Almost all negotiations will take place on the above parameters, with enough flexibility provided to allow for an equitable arrangement between almost any class of vendor and startup. It’s possible to re-work these terms for extenuating circumstances, but we recommend against this. . The main portion of the SWEAT governs the events under which the note converts, and will be readily familiar to users of the SAFE. The Equity Financing subsection describes the event that will trigger the conversion of debt into startup equity, subject to the SWEAT terms. This is designed to be the subsequent fundraising round at an increased valuation, thanks in part to the hard work performed by the service provider. Liquidity Event covers a sale of the startup prior to conversion of the SWEAT note into equity, in which the service provider will receive the greater of two options. The first is called the “cash-out” amount, which is the amount of convertible debt accrued at the time of liquidation, including any accrued interest. The second treats the liquidation as a conversion event and calculates the amount owed to the service provider based on its pro-rata ownership of the startup. Reorganizations of the business for tax-purposes do not count as liquidation events. Dissolution event covers the distribution owed to service providers in the event the company goes out of business. This is equal to the amount of work performed as of dissolution. The dissolution cash out is subject to Liquidation Priority, which determines who will be paid out in what order. Service providers using the SWEAT Note will be paid out after non-subordinated debt (which Lynx.Ventures covers most debt unless specifically noted as subordinated debt) in the same class as preferred stock holders, who are paid out prior to common stockholders. The last event covered is a Termination of the sweat note, which can only occur if there has been breach of compliance from either party, or upon the conversion of debt into equity in accordance with the terms outlined in the SWEAT.

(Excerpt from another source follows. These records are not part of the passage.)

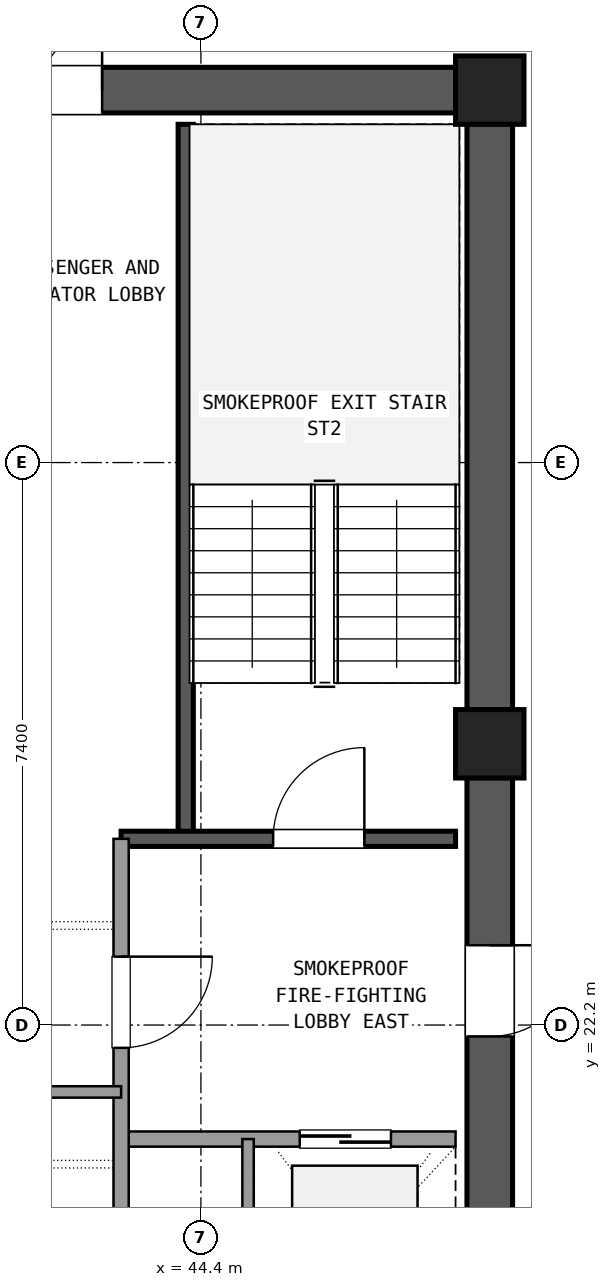
"""IFC4 building model, lengths in metres.
Left out: names, types, materials, properties, quantities, classifications, styles, units other than length and angle.
Written with IfcOpenShell. Run it as: python <this file> out.ifc"""

import sys

from ifc_helpers import new_model, si_unit, direction, frame, frame_2d, origin, origin_2d, place, context, subcontext, project, spatial, rectangle, extrude, element, fill, save


model = new_model("IFC4")
c1 = context("Model", 3, precision=1e-05, world=origin(), true_north=direction((0.0, 1.0)))
c2 = subcontext(c1, "Body", "Model", "MODEL_VIEW")
j1 = project(units=[si_unit("LENGTHUNIT", "METRE"), si_unit("PLANEANGLEUNIT", "RADIAN")], contexts=[c1])
p1 = place(None, origin())
s1 = spatial("IfcSite", under=j1, at=p1, CompositionType="ELEMENT")
p2 = place(p1, origin())
s2 = spatial("IfcBuilding", under=s1, at=p2, CompositionType="ELEMENT")
p3 = place(p2, frame((0.0, 0.0, 228.78)))
s3 = spatial("IfcBuildingStorey", under=s2, at=p3, CompositionType="ELEMENT", Elevation=228.78)
for number, where, z_axis, x_axis in (
    (1, (48.2, 25.9, 0.0), (0.0, 0.0, 1.0), (1.0, 0.0, 0.0)),
    (2, (48.2, 34.5, 0.0), (0.0, 0.0, 1.0), (1.0, 0.0, 0.0)),
):
    element("IfcColumn", number, at=place(p3, frame(where, z_axis=z_axis, x_axis=x_axis)), inside=s3, PredefinedType="COLUMN", context=c2, shape_type="SweptSolid", body=[
        extrude(rectangle(XDim=0.9, YDim=0.9, at=origin_2d()), origin(), (0.0, 0.0, 1.0), 3.6),
    ])
p4 = place(p3, frame((48.2, 17.745, 0.0), z_axis=(0.0, 0.0, 1.0), x_axis=(0.0, 1.0, 0.0)))
e3 = element("IfcWall", 3, at=p4, inside=s3, PredefinedType="SHEAR", context=c2, shape_type="SweptSolid", body=[
    extrude(rectangle(XDim=7.71, YDim=0.6, at=frame_2d((3.855, 0.0))), origin(), (0.0, 0.0, 1.0), 3.3),
])
p5 = place(p4, frame((4.305, 0.0, 0.0)))
e4 = element("IfcOpeningElement", 4, at=p5, cuts=e3, PredefinedType="OPENING", context=c2, shape_type="SweptSolid", body=[
    extrude(rectangle(XDim=1.2, YDim=2.15, at=frame_2d((0.6, 1.075))), frame((0.0, 0.31, 0.0), z_axis=(0.0, -1.0, 0.0), x_axis=(1.0, 0.0, 0.0)), (0.0, 0.0, 1.0), 0.62),
])
p6 = place(p3, frame((48.2, 26.345, 0.0), z_axis=(0.0, 0.0, 1.0), x_axis=(0.0, 1.0, 0.0)))
e5 = element("IfcWall", 5, at=p6, inside=s3, PredefinedType="SHEAR", context=c2, shape_type="SweptSolid", body=[
    extrude(rectangle(XDim=7.71, YDim=0.6, at=frame_2d((3.855, 0.0))), origin(), (0.0, 0.0, 1.0), 3.3),
])
p7 = place(p3, frame((47.755, 34.5, 0.0), z_axis=(0.0, 0.0, 1.0), x_axis=(-1.0, 0.0, 0.0)))
e6 = element("IfcWall", 6, at=p7, inside=s3, PredefinedType="SHEAR", context=c2, shape_type="SweptSolid", body=[
    extrude(rectangle(XDim=10.31, YDim=0.6, at=frame_2d((5.155, 0.0))), origin(), (0.0, 0.0, 1.0), 3.3),
])
p8 = place(p7, frame((4.655, 0.0, 0.0)))
e7 = element("IfcOpeningElement", 7, at=p8, cuts=e6, PredefinedType="OPENING", context=c2, shape_type="SweptSolid", body=[
    extrude(rectangle(XDim=1.6, YDim=2.2, at=frame_2d((0.8, 1.1))), frame((0.0, 0.31, 0.0), z_axis=(0.0, -1.0, 0.0), x_axis=(1.0, 0.0, 0.0)), (0.0, 0.0, 1.0), 0.62),
])
p9 = place(p3, frame((44.2, 24.65, 0.0), z_axis=(0.0, 0.0, 1.0), x_axis=(0.0, 1.0, 0.0)))
e8 = element("IfcWall", 8, at=p9, inside=s3, PredefinedType="SHEAR", context=c2, shape_type="SweptSolid", body=[
    extrude(rectangle(XDim=9.4, YDim=0.2, at=frame_2d((4.7, 0.0))), origin(), (0.0, 0.0, 1.0), 3.3),
])
p10 = place(p3, frame((43.35, 24.65, 0.0), z_axis=(0.0, 0.0, 1.0), x_axis=(1.0, 0.0, 0.0)))
e9 = element("IfcWall", 9, at=p10, inside=s3, PredefinedType="SHEAR", context=c2, shape_type="SweptSolid", body=[
    extrude(rectangle(XDim=4.4, YDim=0.2, at=frame_2d((2.2, 0.0))), origin(), (0.0, 0.0, 1.0), 3.3),
])
p11 = place(p10, frame((2.0, 0.0, 0.0)))
e10 = element("IfcOpeningElement", 10, at=p11, cuts=e9, PredefinedType="OPENING", context=c2, shape_type="SweptSolid", body=[
    extrude(rectangle(XDim=1.2, YDim=2.15, at=frame_2d((0.6, 1.075))), frame((0.0, 0.11, 0.0), z_axis=(0.0, -1.0, 0.0), x_axis=(1.0, 0.0, 0.0)), (0.0, 0.0, 1.0), 0.22),
])
p12 = place(p3, frame((43.35, 20.7, 0.0), z_axis=(0.0, 0.0, 1.0), x_axis=(1.0, 0.0, 0.0)))
e11 = element("IfcWall", 11, at=p12, inside=s3, PredefinedType="SOLIDWALL", context=c2, shape_type="SweptSolid", body=[
    extrude(rectangle(XDim=4.4, YDim=0.2, at=frame_2d((2.2, 0.0))), origin(), (0.0, 0.0, 1.0), 2.59),
])
p13 = place(p12, frame((2.35, 0.0, 0.0)))
e12 = element("IfcOpeningElement", 12, at=p13, cuts=e11, PredefinedType="OPENING", context=c2, shape_type="SweptSolid", body=[
    extrude(rectangle(XDim=1.2, YDim=2.15, at=frame_2d((0.6, 1.075))), frame((0.0, 0.11, 0.0), z_axis=(0.0, -1.0, 0.0), x_axis=(1.0, 0.0, 0.0)), (0.0, 0.0, 1.0), 0.22),
])
p14 = place(p3, frame((43.35, 17.75, 0.0), z_axis=(0.0, 0.0, 1.0), x_axis=(0.0, 1.0, 0.0)))
e13 = element("IfcWall", 13, at=p14, inside=s3, PredefinedType="SOLIDWALL", context=c2, shape_type="SweptSolid", body=[
    extrude(rectangle(XDim=6.9, YDim=0.2, at=frame_2d((3.45, 0.0))), origin(), (0.0, 0.0, 1.0), 2.59),
])
p15 = place(p14, frame((4.15, 0.0, 0.0)))
e14 = element("IfcOpeningElement", 14, at=p15, cuts=e13, PredefinedType="OPENING", context=c2, shape_type="SweptSolid", body=[
    extrude(rectangle(XDim=1.2, YDim=2.15, at=frame_2d((0.6, 1.075))), frame((0.0, 0.11, 0.0), z_axis=(0.0, -1.0, 0.0), x_axis=(1.0, 0.0, 0.0)), (0.0, 0.0, 1.0), 0.22),
])
p16 = place(p3, frame((45.02, 17.75, 0.0), z_axis=(0.0, 0.0, 1.0), x_axis=(0.0, 1.0, 0.0)))
e15 = element("IfcWall", 15, at=p16, inside=s3, PredefinedType="PARTITIONING", context=c2, shape_type="SweptSolid", body=[
    extrude(rectangle(XDim=2.95, YDim=0.15, at=frame_2d((1.475, 0.0))), origin(), (0.0, 0.0, 1.0), 2.59),
])
p17 = place(p3, frame((37.25, 21.32, 0.0), z_axis=(0.0, 0.0, 1.0), x_axis=(1.0, 0.0, 0.0)))
e16 = element("IfcWall", 16, at=p17, inside=s3, PredefinedType="PARTITIONING", context=c2, shape_type="SweptSolid", body=[
    extrude(rectangle(XDim=6.1, YDim=0.15, at=frame_2d((3.05, 0.0))), origin(), (0.0, 0.0, 1.0), 2.59),
])
p18 = place(p17, frame((0.55, 0.0, 0.0)))
e17 = element("IfcOpeningElement", 17, at=p18, cuts=e16, PredefinedType="OPENING", context=c2, shape_type="SweptSolid", body=[
    extrude(rectangle(XDim=1.0, YDim=2.15, at=frame_2d((0.5, 1.075))), frame((0.0, 0.085, 0.0), z_axis=(0.0, -1.0, 0.0), x_axis=(1.0, 0.0, 0.0)), (0.0, 0.0, 1.0), 0.17),
])
p19 = place(p17, frame((3.5, 0.0, 0.0)))
e18 = element("IfcOpeningElement", 18, at=p19, cuts=e16, PredefinedType="OPENING", context=c2, shape_type="SweptSolid", body=[
    extrude(rectangle(XDim=1.0, YDim=2.15, at=frame_2d((0.5, 1.075))), frame((0.0, 0.085, 0.0), z_axis=(0.0, -1.0, 0.0), x_axis=(1.0, 0.0, 0.0)), (0.0, 0.0, 1.0), 0.17),
])
p20 = place(p11, origin())
e19 = element("IfcDoor", 19, at=p20, inside=s3, OperationType="SINGLE_SWING_RIGHT", PredefinedType="DOOR", context=c2, shape_type="SweptSolid", body=[
    extrude(rectangle(XDim=1.2, YDim=2.15, at=frame_2d((0.6, 1.075))), frame((0.0, 0.025, 0.0), z_axis=(0.0, -1.0, 0.0), x_axis=(1.0, 0.0, 0.0)), (0.0, 0.0, 1.0), 0.05),
])
fill(e10, e19)
p21 = place(p13, origin())
e20 = element("IfcDoor", 20, at=p21, inside=s3, OperationType="SLIDING_TO_RIGHT", PredefinedType="DOOR", context=c2, shape_type="SweptSolid", body=[
    extrude(rectangle(XDim=1.2, YDim=2.15, at=frame_2d((0.6, 1.075))), frame((0.0, 0.025, 0.0), z_axis=(0.0, -1.0, 0.0), x_axis=(1.0, 0.0, 0.0)), (0.0, 0.0, 1.0), 0.05),
])
fill(e12, e20)
p22 = place(p15, frame((1.2, 0.0, 0.0), z_axis=(0.0, 0.0, 1.0), x_axis=(-1.0, 0.0, 0.0)))
e21 = element("IfcDoor", 21, at=p22, inside=s3, OperationType="SINGLE_SWING_RIGHT", PredefinedType="DOOR", context=c2, shape_type="SweptSolid", body=[
    extrude(rectangle(XDim=1.2, YDim=2.15, at=frame_2d((0.6, 1.075))), frame((0.0, 0.025, 0.0), z_axis=(0.0, -1.0, 0.0), x_axis=(1.0, 0.0, 0.0)), (0.0, 0.0, 1.0), 0.05),
])
fill(e14, e21)
p23 = place(p5, frame((1.2, 0.0, 0.0), z_axis=(0.0, 0.0, 1.0), x_axis=(-1.0, 0.0, 0.0)))
e22 = element("IfcDoor", 22, at=p23, inside=s3, OperationType="SINGLE_SWING_RIGHT", PredefinedType="DOOR", context=c2, shape_type="SweptSolid", body=[
    extrude(rectangle(XDim=1.2, YDim=2.15, at=frame_2d((0.6, 1.075))), frame((0.0, 0.025, 0.0), z_axis=(0.0, -1.0, 0.0), x_axis=(1.0, 0.0, 0.0)), (0.0, 0.0, 1.0), 0.05),
])
fill(e4, e22)
p24 = place(p8, frame((1.6, 0.0, 0.0), z_axis=(0.0, 0.0, 1.0), x_axis=(-1.0, 0.0, 0.0)))
e23 = element("IfcDoor", 23, at=p24, inside=s3, OperationType="DOUBLE_DOOR_SINGLE_SWING", PredefinedType="DOOR", context=c2, shape_type="SweptSolid", body=[
    extrude(rectangle(XDim=1.6, YDim=2.2, at=frame_2d((0.8, 1.1))), frame((0.0, 0.025, 0.0), z_axis=(0.0, -1.0, 0.0), x_axis=(1.0, 0.0, 0.0)), (0.0, 0.0, 1.0), 0.05),
])
fill(e7, e23)
save(model, sys.argv[1])

The next section of the sweat focuses on providing clarity to the terms used throughout the note. These definitions are boilerplate terms used in convertible debt notes, and are primarily used to ensure both parties have the same understanding of what is covered by the note in the case of a legal dispute down the road. We won’t cover all the definitions in this document as most are largely self explanatory, but we will draw your attention to a few of the less intuitive terms mentioned. Change of Control, as it relates to liquidation events, occurs when the beneficial owners of the company have changed. Changing members of a board of directors would not trigger this, but as a general rule of thumb if the ultimate decision maker has changed a change of control has occurred. SWEAT Preferred Stock is in reference to the equity class that the SWEAT note will convert into, giving the service provider the same rights and benefits as other preferred shareholders enjoy.

The next two sections outline the good faith representations made by both parties about their companies and the engagement agreed to. On one side the company represents that it is legally incorporated and in good standing with the laws and regulations in the state it’s incorporated in, the company has the power to execute all aspects of this agreement, and the agreement does not violate any laws or regulations of or for the company, including in its bylaws. On the service provider side, the vendor is also in compliance with all applicable laws and regulations, the entity is aware that acceptance of equity will occur at conversion, and will follow all regulations surrounding the ownership of equity, including compliance and reporting requirements.